# Yer tis



## Dezi (Jun 22, 2009)

Hi, Ours on a cold morning

Dezi


----------



## simong (Jun 22, 2009)

lol does look a little nippy out


----------



## Wez (Jun 22, 2009)

what a great picture - she does look a bit chilly, bless


----------



## 888dee (Jun 22, 2009)

very cool... boom boom...

I'll get me coat shall I?


----------



## wildweekend (Jun 22, 2009)

Nice van Dezi, guess your fully winterized then.


----------



## Deleted member 919 (Jun 22, 2009)

Here's mine at Nantcol Waterfalls at Easter no snow there .Mines fully summerised
Rob


----------



## wildweekend (Jun 22, 2009)

*Mines fully party-ised*

Balloons found washed up on Arran beach.

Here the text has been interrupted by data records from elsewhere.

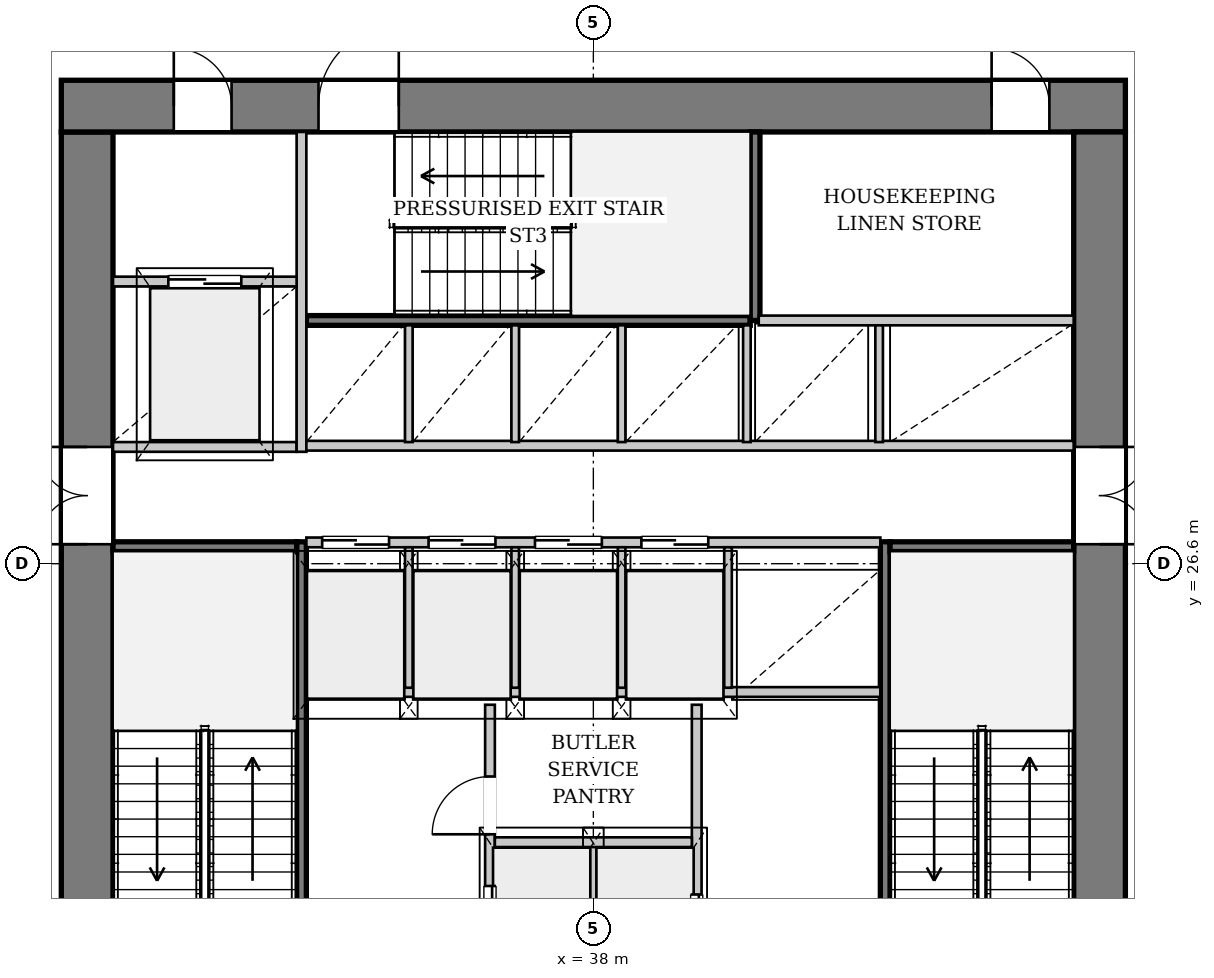
"""IFC4 building model, lengths in metres.
Left out: names, types, materials, properties, quantities, classifications, styles, units other than length and angle.
Written with IfcOpenShell. Run it as: python <this file> out.ifc"""

import sys

from ifc_helpers import new_model, si_unit, direction, frame, frame_2d, origin, place, context, subcontext, project, spatial, rectangle, extrude, source, transform, mapped, element, fill, save


model = new_model("IFC4")
c1 = context("Model", 3, precision=1e-05, world=origin(), true_north=direction((0.0, 1.0)))
c2 = subcontext(c1, "Body", "Model", "MODEL_VIEW")
j1 = project(units=[si_unit("LENGTHUNIT", "METRE"), si_unit("PLANEANGLEUNIT", "RADIAN")], contexts=[c1])
p1 = place(None, origin())
s1 = spatial("IfcSite", under=j1, at=p1, CompositionType="ELEMENT")
p2 = place(p1, origin())
s2 = spatial("IfcBuilding", under=s1, at=p2, CompositionType="ELEMENT")
p3 = place(p2, frame((0.0, 0.0, 64.8)))
s3 = spatial("IfcBuildingStorey", under=s2, at=p3, CompositionType="ELEMENT", Elevation=64.8)
p4 = place(p3, frame((46.771, 43.517, 0.0), z_axis=(0.0, 0.0, 1.0), x_axis=(0.890856769482, -0.454284290141, 0.0)))
e1 = element("IfcWall", 1, at=p4, inside=s3, PredefinedType="SOLIDWALL", context=c2, shape_type="SweptSolid", body=[
    extrude(rectangle(XDim=23.736, YDim=0.32, at=frame_2d((11.868, 0.0))), origin(), (0.0, 0.0, 1.0), 2.592),
])
p5 = place(p4, frame((7.796, 0.0, 0.0)))
e2 = element("IfcOpeningElement", 2, at=p5, cuts=e1, PredefinedType="OPENING", context=c2, shape_type="SweptSolid", body=[
    extrude(rectangle(XDim=1.1, YDim=2.3, at=frame_2d((0.55, 1.15))), frame((0.0, 0.17, 0.0), z_axis=(0.0, -1.0, 0.0), x_axis=(1.0, 0.0, 0.0)), (0.0, 0.0, 1.0), 0.34),
])
p6 = place(p4, frame((16.665, 0.0, 0.272)))
e3 = element("IfcOpeningElement", 3, at=p6, cuts=e1, PredefinedType="OPENING", context=c2, shape_type="SweptSolid", body=[
    extrude(rectangle(XDim=1.8, YDim=2.2, at=frame_2d((0.9, 1.1))), frame((0.0, 0.17, 0.0), z_axis=(0.0, -1.0, 0.0), x_axis=(1.0, 0.0, 0.0)), (0.0, 0.0, 1.0), 0.34),
])
p7 = place(p3, frame((29.675, 19.5, 0.0), z_axis=(0.0, 0.0, 1.0), x_axis=(0.0, 1.0, 0.0)))
e4 = element("IfcWall", 4, at=p7, inside=s3, PredefinedType="SHEAR", context=c2, shape_type="SweptSolid", body=[
    extrude(rectangle(XDim=14.2, YDim=0.85, at=frame_2d((7.1, 0.0))), origin(), (0.0, 0.0, 1.0), 3.3),
])
p8 = place(p7, frame((7.42, 0.0, 0.0)))
e5 = element("IfcOpeningElement", 5, at=p8, cuts=e4, PredefinedType="OPENING", context=c2, shape_type="SweptSolid", body=[
    extrude(rectangle(XDim=1.6, YDim=2.2, at=frame_2d((0.8, 1.1))), frame((0.0, 0.435, 0.0), z_axis=(0.0, -1.0, 0.0), x_axis=(1.0, 0.0, 0.0)), (0.0, 0.0, 1.0), 0.87),
])
p9 = place(p3, frame((29.25, 34.125, 0.0), z_axis=(0.0, 0.0, 1.0), x_axis=(1.0, 0.0, 0.0)))
e6 = element("IfcWall", 6, at=p9, inside=s3, PredefinedType="SHEAR", context=c2, shape_type="SweptSolid", body=[
    extrude(rectangle(XDim=17.5, YDim=0.85, at=frame_2d((8.75, 0.0))), origin(), (0.0, 0.0, 1.0), 3.3),
])
p10 = place(p9, frame((1.85, 0.0, 0.0)))
e7 = element("IfcOpeningElement", 7, at=p10, cuts=e6, PredefinedType="OPENING", context=c2, shape_type="SweptSolid", body=[
    extrude(rectangle(XDim=0.95, YDim=2.1, at=frame_2d((0.475, 1.05))), frame((0.0, 0.435, 0.0), z_axis=(0.0, -1.0, 0.0), x_axis=(1.0, 0.0, 0.0)), (0.0, 0.0, 1.0), 0.87),
])
p11 = place(p9, frame((4.23, 0.0, 0.0)))
e8 = element("IfcOpeningElement", 8, at=p11, cuts=e6, PredefinedType="OPENING", context=c2, shape_type="SweptSolid", body=[
    extrude(rectangle(XDim=1.32, YDim=2.2, at=frame_2d((0.66, 1.1))), frame((0.0, 0.435, 0.0), z_axis=(0.0, -1.0, 0.0), x_axis=(1.0, 0.0, 0.0)), (0.0, 0.0, 1.0), 0.87),
])
p12 = place(p9, frame((15.3, 0.0, 0.0)))
e9 = element("IfcOpeningElement", 9, at=p12, cuts=e6, PredefinedType="OPENING", context=c2, shape_type="SweptSolid", body=[
    extrude(rectangle(XDim=0.95, YDim=2.1, at=frame_2d((0.475, 1.05))), frame((0.0, 0.435, 0.0), z_axis=(0.0, -1.0, 0.0), x_axis=(1.0, 0.0, 0.0)), (0.0, 0.0, 1.0), 0.87),
])
p13 = place(p3, frame((46.325, 33.7, 0.0), z_axis=(0.0, 0.0, 1.0), x_axis=(0.0, -1.0, 0.0)))
e10 = element("IfcWall", 10, at=p13, inside=s3, PredefinedType="SHEAR", context=c2, shape_type="SweptSolid", body=[
    extrude(rectangle(XDim=14.2, YDim=0.85, at=frame_2d((7.1, 0.0))), origin(), (0.0, 0.0, 1.0), 3.3),
])
p14 = place(p13, frame((5.18, 0.0, 0.0)))
e11 = element("IfcOpeningElement", 11, at=p14, cuts=e10, PredefinedType="OPENING", context=c2, shape_type="SweptSolid", body=[
    extrude(rectangle(XDim=1.6, YDim=2.2, at=frame_2d((0.8, 1.1))), frame((0.0, 0.435, 0.0), z_axis=(0.0, -1.0, 0.0), x_axis=(1.0, 0.0, 0.0)), (0.0, 0.0, 1.0), 0.87),
])
p15 = place(p3, frame((33.2, 19.5, 0.0), z_axis=(0.0, 0.0, 1.0), x_axis=(0.0, 1.0, 0.0)))
e12 = element("IfcWall", 12, at=p15, inside=s3, PredefinedType="PARTITIONING", context=c2, shape_type="SweptSolid", body=[
    extrude(rectangle(XDim=7.46, YDim=0.16, at=frame_2d((3.73, 0.0))), origin(), (0.0, 0.0, 1.0), 3.3),
])
p16 = place(p15, frame((0.08, 0.0, 0.0)))
e13 = element("IfcOpeningElement", 13, at=p16, cuts=e12, PredefinedType="OPENING", context=c2, shape_type="SweptSolid", body=[
    extrude(rectangle(XDim=1.32, YDim=2.2, at=frame_2d((0.66, 1.1))), frame((0.0, 0.09, 0.0), z_axis=(0.0, -1.0, 0.0), x_axis=(1.0, 0.0, 0.0)), (0.0, 0.0, 1.0), 0.18),
])
p17 = place(p3, frame((30.1, 26.88, 0.0), z_axis=(0.0, 0.0, 1.0), x_axis=(1.0, 0.0, 0.0)))
e14 = element("IfcWall", 14, at=p17, inside=s3, PredefinedType="PARTITIONING", context=c2, shape_type="SweptSolid", body=[
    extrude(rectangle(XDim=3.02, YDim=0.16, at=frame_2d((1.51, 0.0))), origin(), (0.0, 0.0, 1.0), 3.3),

Its the party capital of Scotland!!


----------



## 888dee (Jun 22, 2009)

like that a lot!!

what's it like of the road? does it feel top heavy?


----------



## wildweekend (Jun 22, 2009)

888dee said:


> like that a lot!!
> 
> what's it like of the road? does it feel top heavy?



Hi, thanks, no not at all. Can go anywhere. Fitted the pickup with airbag suspension after I bought it but before it was delivered. Perfect balance at 40lb psi. Even better at 50 but brake compensation suffers. Though you know its onthe back . Derek.


----------